26 May 26 | We Have Left Everything
Peter asked what they were getting for giving everything up and Jesus answered honestly.
The Gospel: Mark 10:28-31
²⁸ Peter began to say to him, "We have given up everything and followed you." ²⁹ Jesus said, "Amen, I say to you, there is no one who has given up house or brothers or sisters or mother or father or children or lands for my sake and for the sake of the gospel ³⁰ who will not receive a hundred times more now in this present age: houses and brothers and sisters and mothers and children and lands, with persecutions, and eternal life in the age to come. ³¹ But many that are first will be last, and the last will be first."
Today’s Focus
Peter asks what the disciples receive for their sacrifice and Jesus promises a hundredfold return of community and belonging in the present age alongside persecutions, closing with the kingdom reversal that reorders first and last by different metrics entirely.
In the Margins
Peter’s statement is honest and a little raw. We have given up everything and followed you. There is no question mark but the question underneath is clear. What do we get for this? Jesus does not treat the question as unworthy. He answers it directly, generously, and with one complication.
The promise is expansive. No one who has given up house, family, or land for Jesus and the Gospel will fail to receive a hundredfold return in the present age. The community formed around Jesus becomes the family that replaces what was left behind. Brothers, sisters, mothers, children, land, the entire social and economic network the ancient world depended on, all of it returned multiplied in the new community. The early Church described in Acts lived in a way that made this materially real. What was surrendered individually was received back communally.

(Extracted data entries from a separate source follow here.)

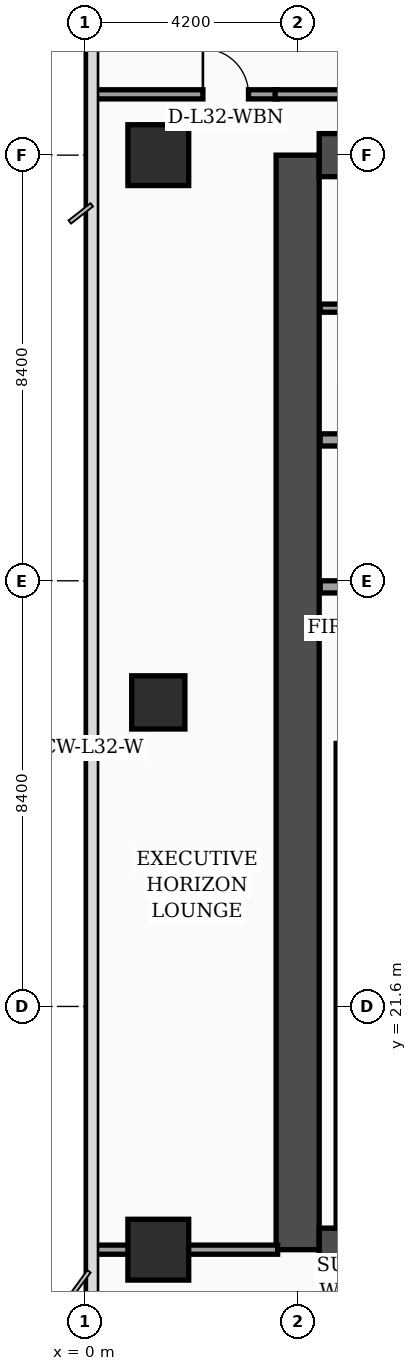
"""IFC4 building model, lengths in metres.
Left out: names, types, materials, properties, quantities, classifications, styles, units other than length and angle.
Written with IfcOpenShell. Run it as: python <this file> out.ifc"""

import sys

from ifc_helpers import new_model, si_unit, direction, frame, frame_2d, origin, origin_2d, place, context, subcontext, project, spatial, rectangle, extrude, element, fill, save


model = new_model("IFC4")
c1 = context("Model", 3, precision=1e-05, world=origin(), true_north=direction((0.0, 1.0)))
c2 = subcontext(c1, "Body", "Model", "MODEL_VIEW")
j1 = project(units=[si_unit("LENGTHUNIT", "METRE"), si_unit("PLANEANGLEUNIT", "RADIAN")], contexts=[c1])
p1 = place(None, origin())
s1 = spatial("IfcSite", under=j1, at=p1, CompositionType="ELEMENT")
p2 = place(p1, origin())
s2 = spatial("IfcBuilding", under=s1, at=p2, CompositionType="ELEMENT")
p3 = place(p2, frame((0.0, 0.0, 131.6)))
s3 = spatial("IfcBuildingStorey", under=s2, at=p3, CompositionType="ELEMENT", Elevation=131.6)
p4 = place(p3, frame((4.2, 16.8, 0.0), z_axis=(0.0, 0.0, 1.0), x_axis=(0.0, 1.0, 0.0)))
e1 = element("IfcWall", 1, at=p4, inside=s3, PredefinedType="SHEAR", context=c2, shape_type="SweptSolid", body=[
    extrude(rectangle(XDim=21.6, YDim=0.85, at=frame_2d((10.8, 0.0))), origin(), (0.0, 0.0, 1.0), 3.56),
])
for number, where, z_axis, x_axis in (
    (2, (4.625, 38.4, 0.0), (0.0, 0.0, 1.0), (1.0, 0.0, 0.0)),
    (3, (4.625, 16.8, 0.0), (0.0, 0.0, 1.0), (1.0, 0.0, 0.0)),
):
    element("IfcWall", number, at=place(p3, frame(where, z_axis=z_axis, x_axis=x_axis)), inside=s3, PredefinedType="SHEAR", context=c2, shape_type="SweptSolid", body=[
        extrude(rectangle(XDim=9.95, YDim=0.85, at=frame_2d((4.975, 0.0))), origin(), (0.0, 0.0, 1.0), 3.56),
    ])
p5 = place(p3, frame((5.08, 17.225, 0.0), z_axis=(0.0, 0.0, 1.0), x_axis=(0.0, 1.0, 0.0)))
e4 = element("IfcWall", 4, at=p5, inside=s3, PredefinedType="SOLIDWALL", context=c2, shape_type="SweptSolid", body=[
    extrude(rectangle(XDim=9.565, YDim=0.24, at=frame_2d((4.782, 0.0))), origin(), (0.0, 0.0, 1.0), 3.56),
])
p6 = place(p3, frame((1.45, 16.8, 0.0), z_axis=(0.0, 0.0, 1.0), x_axis=(1.0, 0.0, 0.0)))
e5 = element("IfcColumn", 5, at=p6, inside=s3, PredefinedType="COLUMN", context=c2, shape_type="SweptSolid", body=[
    extrude(rectangle(XDim=1.2, YDim=1.2, at=origin_2d()), origin(), (0.0, 0.0, 1.0), 3.56),
])
p7 = place(p3, frame((1.45, 27.6, 0.0), z_axis=(0.0, 0.0, 1.0), x_axis=(1.0, 0.0, 0.0)))
e6 = element("IfcColumn", 6, at=p7, inside=s3, PredefinedType="COLUMN", context=c2, shape_type="SweptSolid", body=[
    extrude(rectangle(XDim=1.05, YDim=1.05, at=origin_2d()), origin(), (0.0, 0.0, 1.0), 3.56),
])
p8 = place(p3, frame((1.45, 38.4, 0.0), z_axis=(0.0, 0.0, 1.0), x_axis=(1.0, 0.0, 0.0)))
e7 = element("IfcColumn", 7, at=p8, inside=s3, PredefinedType="COLUMN", context=c2, shape_type="SweptSolid", body=[
    extrude(rectangle(XDim=1.2, YDim=1.2, at=origin_2d()), origin(), (0.0, 0.0, 1.0), 3.56),
])
p9 = place(p3, frame((4.645, 29.88, 0.0), z_axis=(0.0, 0.0, 1.0), x_axis=(1.0, 0.0, 0.0)))
e8 = element("IfcWall", 8, at=p9, inside=s3, PredefinedType="SOLIDWALL", context=c2, shape_type="SweptSolid", body=[
    extrude(rectangle(XDim=4.775, YDim=0.24, at=frame_2d((2.387, 0.0))), origin(), (0.0, 0.0, 1.0), 3.56),
])
p10 = place(p9, frame((0.45, 0.0, 0.0)))
e9 = element("IfcOpeningElement", 9, at=p10, cuts=e8, PredefinedType="OPENING", context=c2, shape_type="SweptSolid", body=[
    extrude(rectangle(XDim=1.3, YDim=2.35, at=frame_2d((0.65, 1.175))), frame((0.0, 0.13, 0.0), z_axis=(0.0, -1.0, 0.0), x_axis=(1.0, 0.0, 0.0)), (0.0, 0.0, 1.0), 0.26),
])
p11 = place(p3, frame((4.645, 32.78, 0.0), z_axis=(0.0, 0.0, 1.0), x_axis=(1.0, 0.0, 0.0)))
e10 = element("IfcWall", 10, at=p11, inside=s3, PredefinedType="SOLIDWALL", context=c2, shape_type="SweptSolid", body=[
    extrude(rectangle(XDim=4.775, YDim=0.24, at=frame_2d((2.387, 0.0))), origin(), (0.0, 0.0, 1.0), 3.19),
])
p12 = place(p3, frame((4.645, 35.38, 0.0), z_axis=(0.0, 0.0, 1.0), x_axis=(1.0, 0.0, 0.0)))
e11 = element("IfcWall", 11, at=p12, inside=s3, PredefinedType="PARTITIONING", context=c2, shape_type="SweptSolid", body=[
    extrude(rectangle(XDim=4.775, YDim=0.16, at=frame_2d((2.387, 0.0))), origin(), (0.0, 0.0, 1.0), 3.56),
])
p13 = place(p12, frame((1.3, 0.0, 0.0)))
e12 = element("IfcOpeningElement", 12, at=p13, cuts=e11, PredefinedType="OPENING", context=c2, shape_type="SweptSolid", body=[
    extrude(rectangle(XDim=0.98, YDim=2.15, at=frame_2d((0.49, 1.075))), frame((0.0, 0.09, 0.0), z_axis=(0.0, -1.0, 0.0), x_axis=(1.0, 0.0, 0.0)), (0.0, 0.0, 1.0), 0.18),
])
p14 = place(p3, frame((0.08, 16.8, 0.0), z_axis=(0.0, 0.0, 1.0), x_axis=(1.0, 0.0, 0.0)))
e13 = element("IfcWall", 13, at=p14, inside=s3, PredefinedType="PARTITIONING", context=c2, shape_type="SweptSolid", body=[
    extrude(rectangle(XDim=3.725, YDim=0.18, at=frame_2d((1.862, 0.0))), origin(), (0.0, 0.0, 1.0), 2.84),
])
p15 = place(p3, frame((0.08, 39.6, 0.0), z_axis=(0.0, 0.0, 1.0), x_axis=(1.0, 0.0, 0.0)))
e14 = element("IfcWall", 14, at=p15, inside=s3, PredefinedType="PARTITIONING", context=c2, shape_type="SweptSolid", body=[
    extrude(rectangle(XDim=3.725, YDim=0.18, at=frame_2d((1.862, 0.0))), origin(), (0.0, 0.0, 1.0), 2.84),
])
p16 = place(p15, frame((2.25, 0.0, 0.0)))
e15 = element("IfcOpeningElement", 15, at=p16, cuts=e14, PredefinedType="OPENING", context=c2, shape_type="SweptSolid", body=[
    extrude(rectangle(XDim=0.9, YDim=2.15, at=frame_2d((0.45, 1.075))), frame((0.0, 0.1, 0.0), z_axis=(0.0, -1.0, 0.0), x_axis=(1.0, 0.0, 0.0)), (0.0, 0.0, 1.0), 0.2),
])
p17 = place(p3, frame((3.755, 39.6, 0.0), z_axis=(0.0, 0.0, 1.0), x_axis=(1.0, 0.0, 0.0)))
e16 = element("IfcWall", 16, at=p17, inside=s3, PredefinedType="PARTITIONING", context=c2, shape_type="SweptSolid", body=[
    extrude(rectangle(XDim=11.395, YDim=0.18, at=frame_2d((5.698, 0.0))), origin(), (0.0, 0.0, 1.0), 2.84),
])
p18 = place(p16, origin())
e17 = element("IfcDoor", 17, at=p18, inside=s3, OperationType="SINGLE_SWING_LEFT", PredefinedType="DOOR", context=c2, shape_type="SweptSolid", body=[
    extrude(rectangle(XDim=0.9, YDim=2.15, at=frame_2d((0.45, 1.075))), frame((0.0, 0.025, 0.0), z_axis=(0.0, -1.0, 0.0), x_axis=(1.0, 0.0, 0.0)), (0.0, 0.0, 1.0), 0.05),
])
fill(e15, e17)
save(model, sys.argv[1])

But Jesus adds a word that tends to get skipped over. With persecutions. The hundredfold return does not come without them. They are part of the same promise, not a footnote but an ingredient. The life of the community formed around Jesus will include both the abundance of belonging and the cost of belonging to the one the world rejected. These arrive together.
The closing reversal completes the picture. Many who are first will be last and the last will be first. The rich young man who just walked away sad had everything the world measured as first. The disciples who left their fishing nets had nothing the world counted as significant. The reversal is not a punishment of the successful. It is the disclosure that the metrics the world uses to determine first and last do not correspond to the metrics of the kingdom.
Peter’s question is one most of us have asked in quieter moments. What do we actually receive for this? The answer Jesus gives is not nothing. It is not a spiritualized non-answer that avoids the present-tense question. It is a concrete promise of community and belonging that exceeds what was given up, held honestly alongside the acknowledgment that the path carries hardship. The kingdom does not promise comfort. It promises the hundredfold within a life that takes the same shape as the life of the one who established it.
Reflection Question
Are you holding something back from Jesus because you are not sure the return is worth the cost, and what would it mean to trust the hundredfold promise enough to open your hand?